Дыманы улеглись возле телеги, заняв чуть ли не полдвора, покорные, разумные, каждый в своей части ярма. Если хозяин умрет в операционной, они еще сегодня увезут его обратно в Нехворощь, и потому им надо отдохнуть. Погонщик, казалось, был равнодушен к судьбе хозяина, он, разметав руки, спал на полке в рубахе горохами и в залатанных на коленях парусиновых штанах. Это дало повод Мальве подумать, не одарить ли ей беднягу, должно быть мыкающегося в батраках. Но волы посмотрели на нее из ярма с таким укором, что она не посмела оставить узелок на телеге.

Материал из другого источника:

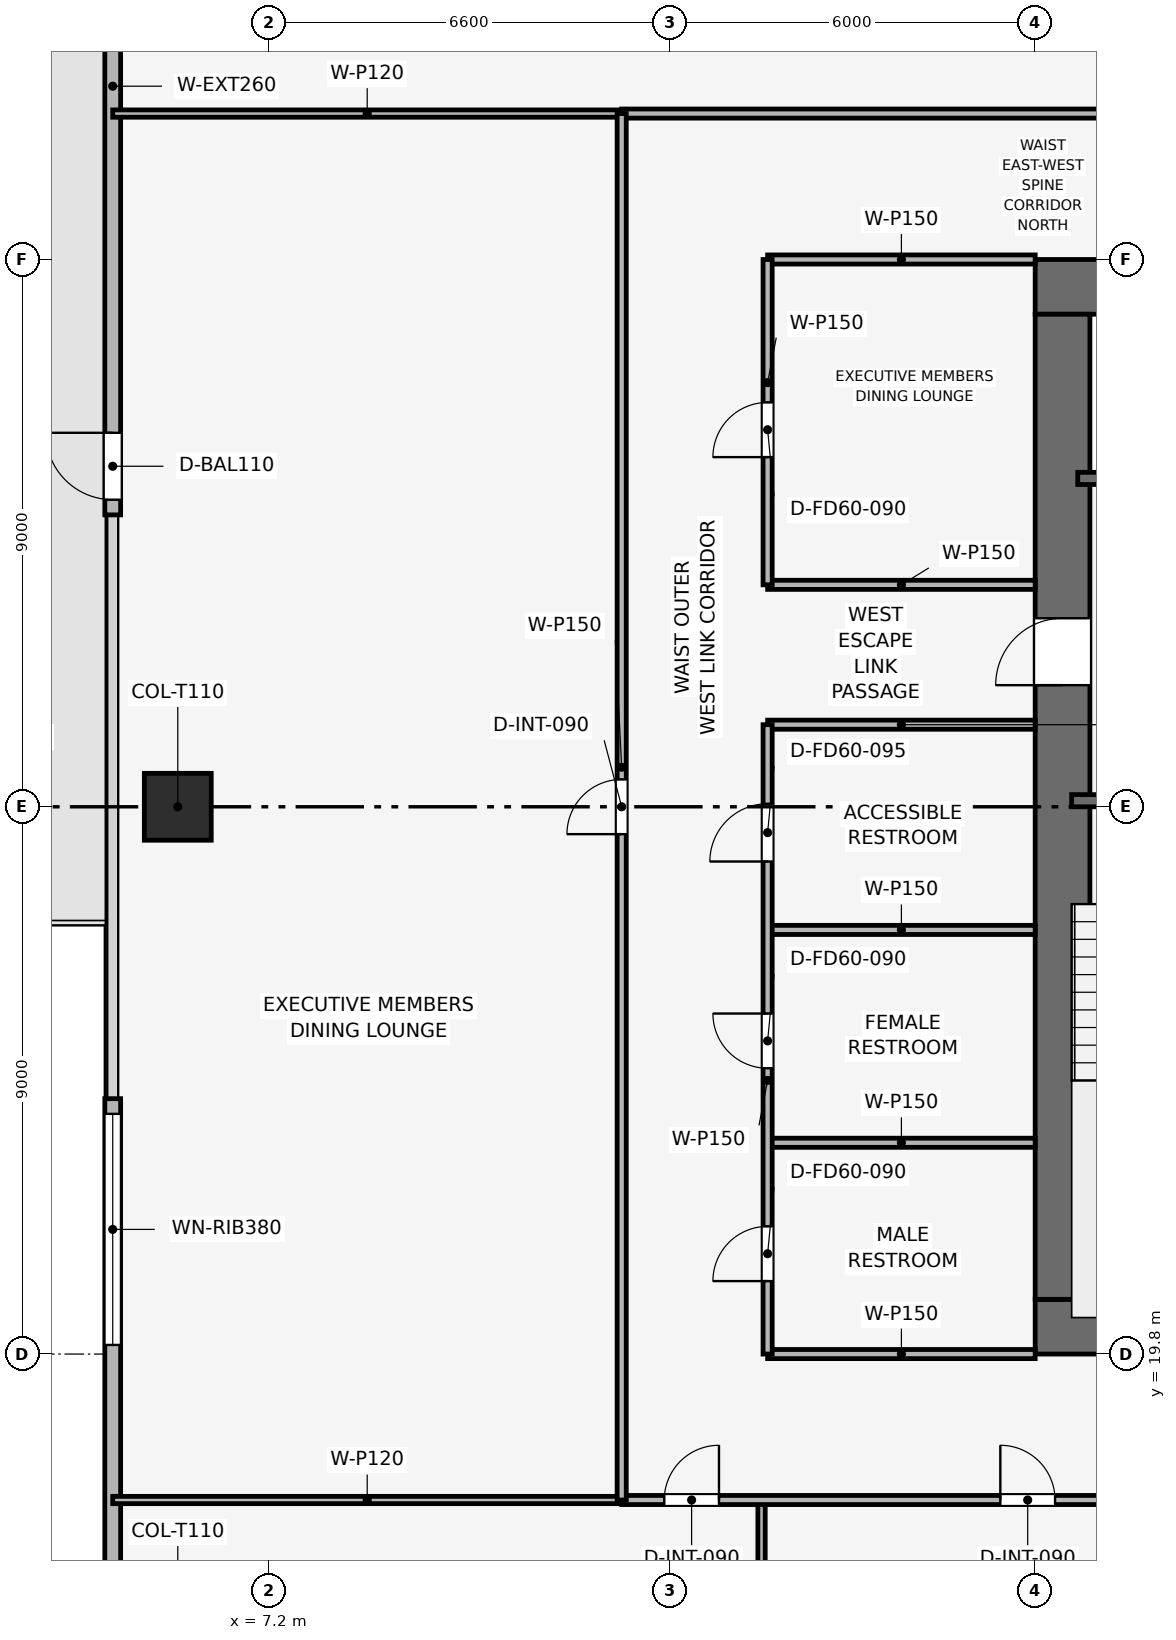
"""IFC4 building model, lengths in metres.
Left out: names, types, materials, properties, quantities, classifications, styles, units other than length and angle.
Written with IfcOpenShell. Run it as: python <this file> out.ifc"""

import sys

from ifc_helpers import new_model, si_unit, direction, frame, frame_2d, origin, origin_2d, place, context, subcontext, project, spatial, rectangle, extrude, element, fill, save


model = new_model("IFC4")
c1 = context("Model", 3, precision=1e-05, world=origin(), true_north=direction((0.0, 1.0)))
c2 = subcontext(c1, "Body", "Model", "MODEL_VIEW")
j1 = project(units=[si_unit("LENGTHUNIT", "METRE"), si_unit("PLANEANGLEUNIT", "RADIAN")], contexts=[c1])
p1 = place(None, origin())
s1 = spatial("IfcSite", under=j1, at=p1, CompositionType="ELEMENT")
p2 = place(p1, origin())
s2 = spatial("IfcBuilding", under=s1, at=p2, CompositionType="ELEMENT")
p3 = place(p2, frame((0.0, 0.0, 149.55)))
s3 = spatial("IfcBuildingStorey", under=s2, at=p3, CompositionType="ELEMENT", Elevation=149.55)
p4 = place(p3, frame((19.8, 20.25, 0.0), z_axis=(0.0, 0.0, 1.0), x_axis=(1.0, 0.0, 0.0)))
e1 = element("IfcWall", 1, at=p4, inside=s3, PredefinedType="SHEAR", context=c2, shape_type="SweptSolid", body=[
    extrude(rectangle(XDim=18.0, YDim=0.9, at=frame_2d((9.0, 0.0))), origin(), (0.0, 0.0, 1.0), 3.75),
])
p5 = place(p4, frame((8.4, 0.0, 0.0)))
e2 = element("IfcOpeningElement", 2, at=p5, cuts=e1, PredefinedType="OPENING", context=c2, shape_type="SweptSolid", body=[
    extrude(rectangle(XDim=1.2, YDim=2.2, at=frame_2d((0.6, 1.1))), frame((0.0, 0.46, 0.0), z_axis=(0.0, -1.0, 0.0), x_axis=(1.0, 0.0, 0.0)), (0.0, 0.0, 1.0), 0.92),
])
p6 = place(p3, frame((19.8, 37.35, 0.0), z_axis=(0.0, 0.0, 1.0), x_axis=(1.0, 0.0, 0.0)))
e3 = element("IfcWall", 3, at=p6, inside=s3, PredefinedType="SHEAR", context=c2, shape_type="SweptSolid", body=[
    extrude(rectangle(XDim=18.0, YDim=0.9, at=frame_2d((9.0, 0.0))), origin(), (0.0, 0.0, 1.0), 3.75),
])
p7 = place(p6, frame((7.05, 0.0, 0.0)))
e4 = element("IfcOpeningElement", 4, at=p7, cuts=e3, PredefinedType="OPENING", context=c2, shape_type="SweptSolid", body=[
    extrude(rectangle(XDim=1.1, YDim=2.15, at=frame_2d((0.55, 1.075))), frame((0.0, 0.46, 0.0), z_axis=(0.0, -1.0, 0.0), x_axis=(1.0, 0.0, 0.0)), (0.0, 0.0, 1.0), 0.92),
])
p8 = place(p3, frame((20.25, 20.7, 0.0), z_axis=(0.0, 0.0, 1.0), x_axis=(0.0, 1.0, 0.0)))
e5 = element("IfcWall", 5, at=p8, inside=s3, PredefinedType="SHEAR", context=c2, shape_type="SweptSolid", body=[
    extrude(rectangle(XDim=16.2, YDim=0.9, at=frame_2d((8.1, 0.0))), origin(), (0.0, 0.0, 1.0), 3.75),
])
p9 = place(p8, frame((10.1, 0.0, 0.0)))
e6 = element("IfcOpeningElement", 6, at=p9, cuts=e5, PredefinedType="OPENING", context=c2, shape_type="SweptSolid", body=[
    extrude(rectangle(XDim=1.1, YDim=2.15, at=frame_2d((0.55, 1.075))), frame((0.0, 0.46, 0.0), z_axis=(0.0, -1.0, 0.0), x_axis=(1.0, 0.0, 0.0)), (0.0, 0.0, 1.0), 0.92),
])
p10 = place(p3, frame((5.7, 28.8, 0.003), z_axis=(0.0, 0.0, 1.0), x_axis=(1.0, 0.0, 0.0)))
e7 = element("IfcColumn", 7, at=p10, inside=s3, PredefinedType="COLUMN", context=c2, shape_type="SweptSolid", body=[
    extrude(rectangle(XDim=1.1, YDim=1.1, at=origin_2d()), origin(), (0.0, 0.0, 1.0), 3.489),
])
p11 = place(p3, frame((4.63, 11.4, 0.0), z_axis=(0.0, 0.0, 1.0), x_axis=(0.0, 1.0, 0.0)))
e8 = element("IfcWall", 8, at=p11, inside=s3, PredefinedType="SOLIDWALL", context=c2, shape_type="SweptSolid", body=[
    extrude(rectangle(XDim=12.6, YDim=0.26, at=frame_2d((6.3, 0.0))), origin(), (0.0, 0.0, 1.0), 3.495),
])
p12 = place(p11, frame((8.55, 0.0, 0.9)))
e9 = element("IfcOpeningElement", 9, at=p12, cuts=e8, PredefinedType="OPENING", context=c2, shape_type="SweptSolid", body=[
    extrude(rectangle(XDim=3.8, YDim=1.9, at=frame_2d((1.9, 0.95))), frame((0.0, 0.14, 0.0), z_axis=(0.0, -1.0, 0.0), x_axis=(1.0, 0.0, 0.0)), (0.0, 0.0, 1.0), 0.28),
])
p13 = place(p3, frame((4.63, 33.6, 0.0), z_axis=(0.0, 0.0, 1.0), x_axis=(0.0, 1.0, 0.0)))
e10 = element("IfcWall", 10, at=p13, inside=s3, PredefinedType="SOLIDWALL", context=c2, shape_type="SweptSolid", body=[
    extrude(rectangle(XDim=12.6, YDim=0.26, at=frame_2d((6.3, 0.0))), origin(), (0.0, 0.0, 1.0), 3.495),
])
p14 = place(p13, frame((0.25, 0.0, 0.0)))
e11 = element("IfcOpeningElement", 11, at=p14, cuts=e10, PredefinedType="OPENING", context=c2, shape_type="SweptSolid", body=[
    extrude(rectangle(XDim=1.1, YDim=2.2, at=frame_2d((0.55, 1.1))), frame((0.0, 0.14, 0.0), z_axis=(0.0, -1.0, 0.0), x_axis=(1.0, 0.0, 0.0)), (0.0, 0.0, 1.0), 0.28),
])
p15 = place(p3, frame((20.4, 28.9, 0.0), z_axis=(0.0, 0.0, 1.0), x_axis=(1.0, 0.0, 0.0)))
e12 = element("IfcWall", 12, at=p15, inside=s3, PredefinedType="SHEAR", context=c2, shape_type="SweptSolid", body=[
    extrude(rectangle(XDim=3.15, YDim=0.2, at=frame_2d((1.575, 0.0))), origin(), (0.0, 0.0, 1.0), 3.495),
])
p16 = place(p15, frame((0.8, 0.0, 0.0)))
e13 = element("IfcOpeningElement", 13, at=p16, cuts=e12, PredefinedType="OPENING", context=c2, shape_type="SweptSolid", body=[
    extrude(rectangle(XDim=1.0, YDim=2.1, at=frame_2d((0.5, 1.05))), frame((0.0, 0.11, 0.0), z_axis=(0.0, -1.0, 0.0), x_axis=(1.0, 0.0, 0.0)), (0.0, 0.0, 1.0), 0.22),
])
p17 = place(p3, frame((20.5, 34.2, 0.0), z_axis=(0.0, 0.0, 1.0), x_axis=(1.0, 0.0, 0.0)))
e14 = element("IfcWall", 14, at=p17, inside=s3, PredefinedType="SHEAR", context=c2, shape_type="SweptSolid", body=[
    extrude(rectangle(XDim=3.05, YDim=0.2, at=frame_2d((1.525, 0.0))), origin(), (0.0, 0.0, 1.0), 3.495),
])
p18 = place(p17, frame((0.75, 0.0, 0.0)))
e15 = element("IfcOpeningElement", 15, at=p18, cuts=e14, PredefinedType="OPENING", context=c2, shape_type="SweptSolid", body=[
    extrude(rectangle(XDim=1.1, YDim=2.15, at=frame_2d((0.55, 1.075))), frame((0.0, 0.11, 0.0), z_axis=(0.0, -1.0, 0.0), x_axis=(1.0, 0.0, 0.0)), (0.0, 0.0, 1.0), 0.22),
])
p19 = place(p3, frame((15.4, 19.8, 0.0), z_axis=(0.0, 0.0, 1.0), x_axis=(1.0, 0.0, 0.0)))
e16 = element("IfcWall", 16, at=p19, inside=s3, PredefinedType="PARTITIONING", context=c2, shape_type="SweptSolid", body=[
    extrude(rectangle(XDim=4.4, YDim=0.15, at=frame_2d((2.2, 0.0))), origin(), (0.0, 0.0, 1.0), 3.03),
])
for number, where, z_axis, x_axis in (
    (17, (15.4, 23.275, 0.0), (0.0, 0.0, 1.0), (1.0, 0.0, 0.0)),
    (18, (15.4, 26.775, 0.0), (0.0, 0.0, 1.0), (1.0, 0.0, 0.0)),
    (19, (15.4, 30.15, 0.0), (0.0, 0.0, 1.0), (1.0, 0.0, 0.0)),
    (20, (15.4, 32.45, 0.0), (0.0, 0.0, 1.0), (1.0, 0.0, 0.0)),
):
    element("IfcWall", number, at=place(p3, frame(where, z_axis=z_axis, x_axis=x_axis)), inside=s3, PredefinedType="PARTITIONING", context=c2, shape_type="SweptSolid", body=[
        extrude(rectangle(XDim=4.4, YDim=0.15, at=frame_2d((2.2, 0.0))), origin(), (0.0, 0.0, 1.0), 3.495),
    ])
p20 = place(p3, frame((15.4, 37.8, 0.0), z_axis=(0.0, 0.0, 1.0), x_axis=(1.0, 0.0, 0.0)))
e21 = element("IfcWall", 21, at=p20, inside=s3, PredefinedType="PARTITIONING", context=c2, shape_type="SweptSolid", body=[
    extrude(rectangle(XDim=4.4, YDim=0.15, at=frame_2d((2.2, 0.0))), origin(), (0.0, 0.0, 1.0), 3.03),
])
p21 = place(p3, frame((15.4, 19.8, 0.0), z_axis=(0.0, 0.0, 1.0), x_axis=(0.0, 1.0, 0.0)))
e22 = element("IfcWall", 22, at=p21, inside=s3, PredefinedType="PARTITIONING", context=c2, shape_type="SweptSolid", body=[
    extrude(rectangle(XDim=10.35, YDim=0.15, at=frame_2d((5.175, 0.0))), origin(), (0.0, 0.0, 1.0), 3.03),
])
p22 = place(p21, frame((1.2, 0.0, 0.0)))
e23 = element("IfcOpeningElement", 23, at=p22, cuts=e22, PredefinedType="OPENING", context=c2, shape_type="SweptSolid", body=[
    extrude(rectangle(XDim=0.9, YDim=2.1, at=frame_2d((0.45, 1.05))), frame((0.0, 0.085, 0.0), z_axis=(0.0, -1.0, 0.0), x_axis=(1.0, 0.0, 0.0)), (0.0, 0.0, 1.0), 0.17),
])
p23 = place(p21, frame((4.7, 0.0, 0.0)))
e24 = element("IfcOpeningElement", 24, at=p23, cuts=e22, PredefinedType="OPENING", context=c2, shape_type="SweptSolid", body=[
    extrude(rectangle(XDim=0.9, YDim=2.1, at=frame_2d((0.45, 1.05))), frame((0.0, 0.085, 0.0), z_axis=(0.0, -1.0, 0.0), x_axis=(1.0, 0.0, 0.0)), (0.0, 0.0, 1.0), 0.17),
])
p24 = place(p21, frame((8.1, 0.0, 0.0)))
e25 = element("IfcOpeningElement", 25, at=p24, cuts=e22, PredefinedType="OPENING", context=c2, shape_type="SweptSolid", body=[
    extrude(rectangle(XDim=0.95, YDim=2.1, at=frame_2d((0.475, 1.05))), frame((0.0, 0.085, 0.0), z_axis=(0.0, -1.0, 0.0), x_axis=(1.0, 0.0, 0.0)), (0.0, 0.0, 1.0), 0.17),
])
p25 = place(p3, frame((15.4, 32.45, 0.0), z_axis=(0.0, 0.0, 1.0), x_axis=(0.0, 1.0, 0.0)))
e26 = element("IfcWall", 26, at=p25, inside=s3, PredefinedType="PARTITIONING", context=c2, shape_type="SweptSolid", body=[
    extrude(rectangle(XDim=5.35, YDim=0.15, at=frame_2d((2.675, 0.0))), origin(), (0.0, 0.0, 1.0), 3.03),
])
p26 = place(p25, frame((2.1, 0.0, 0.0)))
e27 = element("IfcOpeningElement", 27, at=p26, cuts=e26, PredefinedType="OPENING", context=c2, shape_type="SweptSolid", body=[
    extrude(rectangle(XDim=0.9, YDim=2.1, at=frame_2d((0.45, 1.05))), frame((0.0, 0.085, 0.0), z_axis=(0.0, -1.0, 0.0), x_axis=(1.0, 0.0, 0.0)), (0.0, 0.0, 1.0), 0.17),
])
p27 = place(p3, frame((15.3, 4.63, 0.0), z_axis=(0.0, 0.0, 1.0), x_axis=(0.0, 1.0, 0.0)))
e28 = element("IfcWall", 28, at=p27, inside=s3, PredefinedType="PARTITIONING", context=c2, shape_type="SweptSolid", body=[
    extrude(rectangle(XDim=12.77, YDim=0.12, at=frame_2d((6.385, 0.0))), origin(), (0.0, 0.0, 1.0), 2.98),
])
for number, where, z_axis, x_axis in (
    (29, (4.63, 17.4, 0.0), (0.0, 0.0, 1.0), (1.0, 0.0, 0.0)),
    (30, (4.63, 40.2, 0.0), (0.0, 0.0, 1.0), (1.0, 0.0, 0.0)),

Было воскресенье — базарный день. Из дальних и ближних сел потянулись возы, нагруженные боровками, овечками, связанными петухами, которые отпели свое, и всяким другим добром. Нехворощь проскрипела на дыманах, похожих на тех, что спали в больничном дворе. Обрисовался на дороге, как мираж, и вавилонский обоз, Мальва еще издалека узнала его по коврикам и дерюжкам, которыми устилали телеги, чтобы уже одним этим показать свою принадлежность вечному Вавилону. У Мальвы не было никакого желания встречаться с вавилонянами, она сняла туфли и пошла напрямик. Кое-кто на подводах узнал ее, окликнул, но она не подала никакого знака, что услышала. Провалитесь вы, убийцы! Не хочу знать вас до самой смерти.
Трясогузки.— их здесь зовут волопасиками — стремительно перелетали по стерне перед Мальвой, с необыкновенной легкостью выбирая для нее эту самую трудную и самую неведомую изо всех дорог. Стерня низкая, колючая, а Мальва шла по ней босиком, вот птички и волновались, подбегали к самым ступням, вспархивали и щебетали все озабоченнее — заметили, видно, кровь на ногах, ну и хотели как-нибудь предостеречь — и так сопровождали Мальву, пока не вывели на черную коммунскую пашню и уж там оставили ее. У них ведь и без того полно забот, у смышленых этих степных непосед.
Вот они увидали в утреннем сиянии козла Фабиана, да не одного, а с философом. Оба эти бедолаги, верно, накануне хорошо поужинали, так что проспали ярмарку и теперь, опоздав, медленно брели через поле — терять-то им было нечего. Волопасики знают эту пару и охотно опекают ее по дороге в Глинск, а наипаче на обратном пути, когда Фабианы теряют представление о странах света. Тогда птички ведут их до самого Вавилона, а сами возвращаются ночевать в глухое поле, потому что любят тишь после суетливого дня.
Вместе с вавилонским оркестром, чуть ли не единственным на весь район, явились в Глинск Соколюки, чтобы воздать должное поэту, спасшему Данька от гибели. Впрочем, их привела на эти похороны еще и другая забота. Дело касалось Мальвы. Данько надеялся вернуть ее на Абиссинские бугры. Смерть поэта вселила в Данька новые надежды. Любовь и ненависть к Мальве смешались в одно, обратились в незажившую рану, которая мучила его все сильней, бедняга доходил до того, что готов был наложить на себя руки и в душе завидовал поэту, когда узнал, что тот умер у Мальвы на руках. Даже брату шепнул, что тоже хотел бы вот так славно расстаться с жизнью.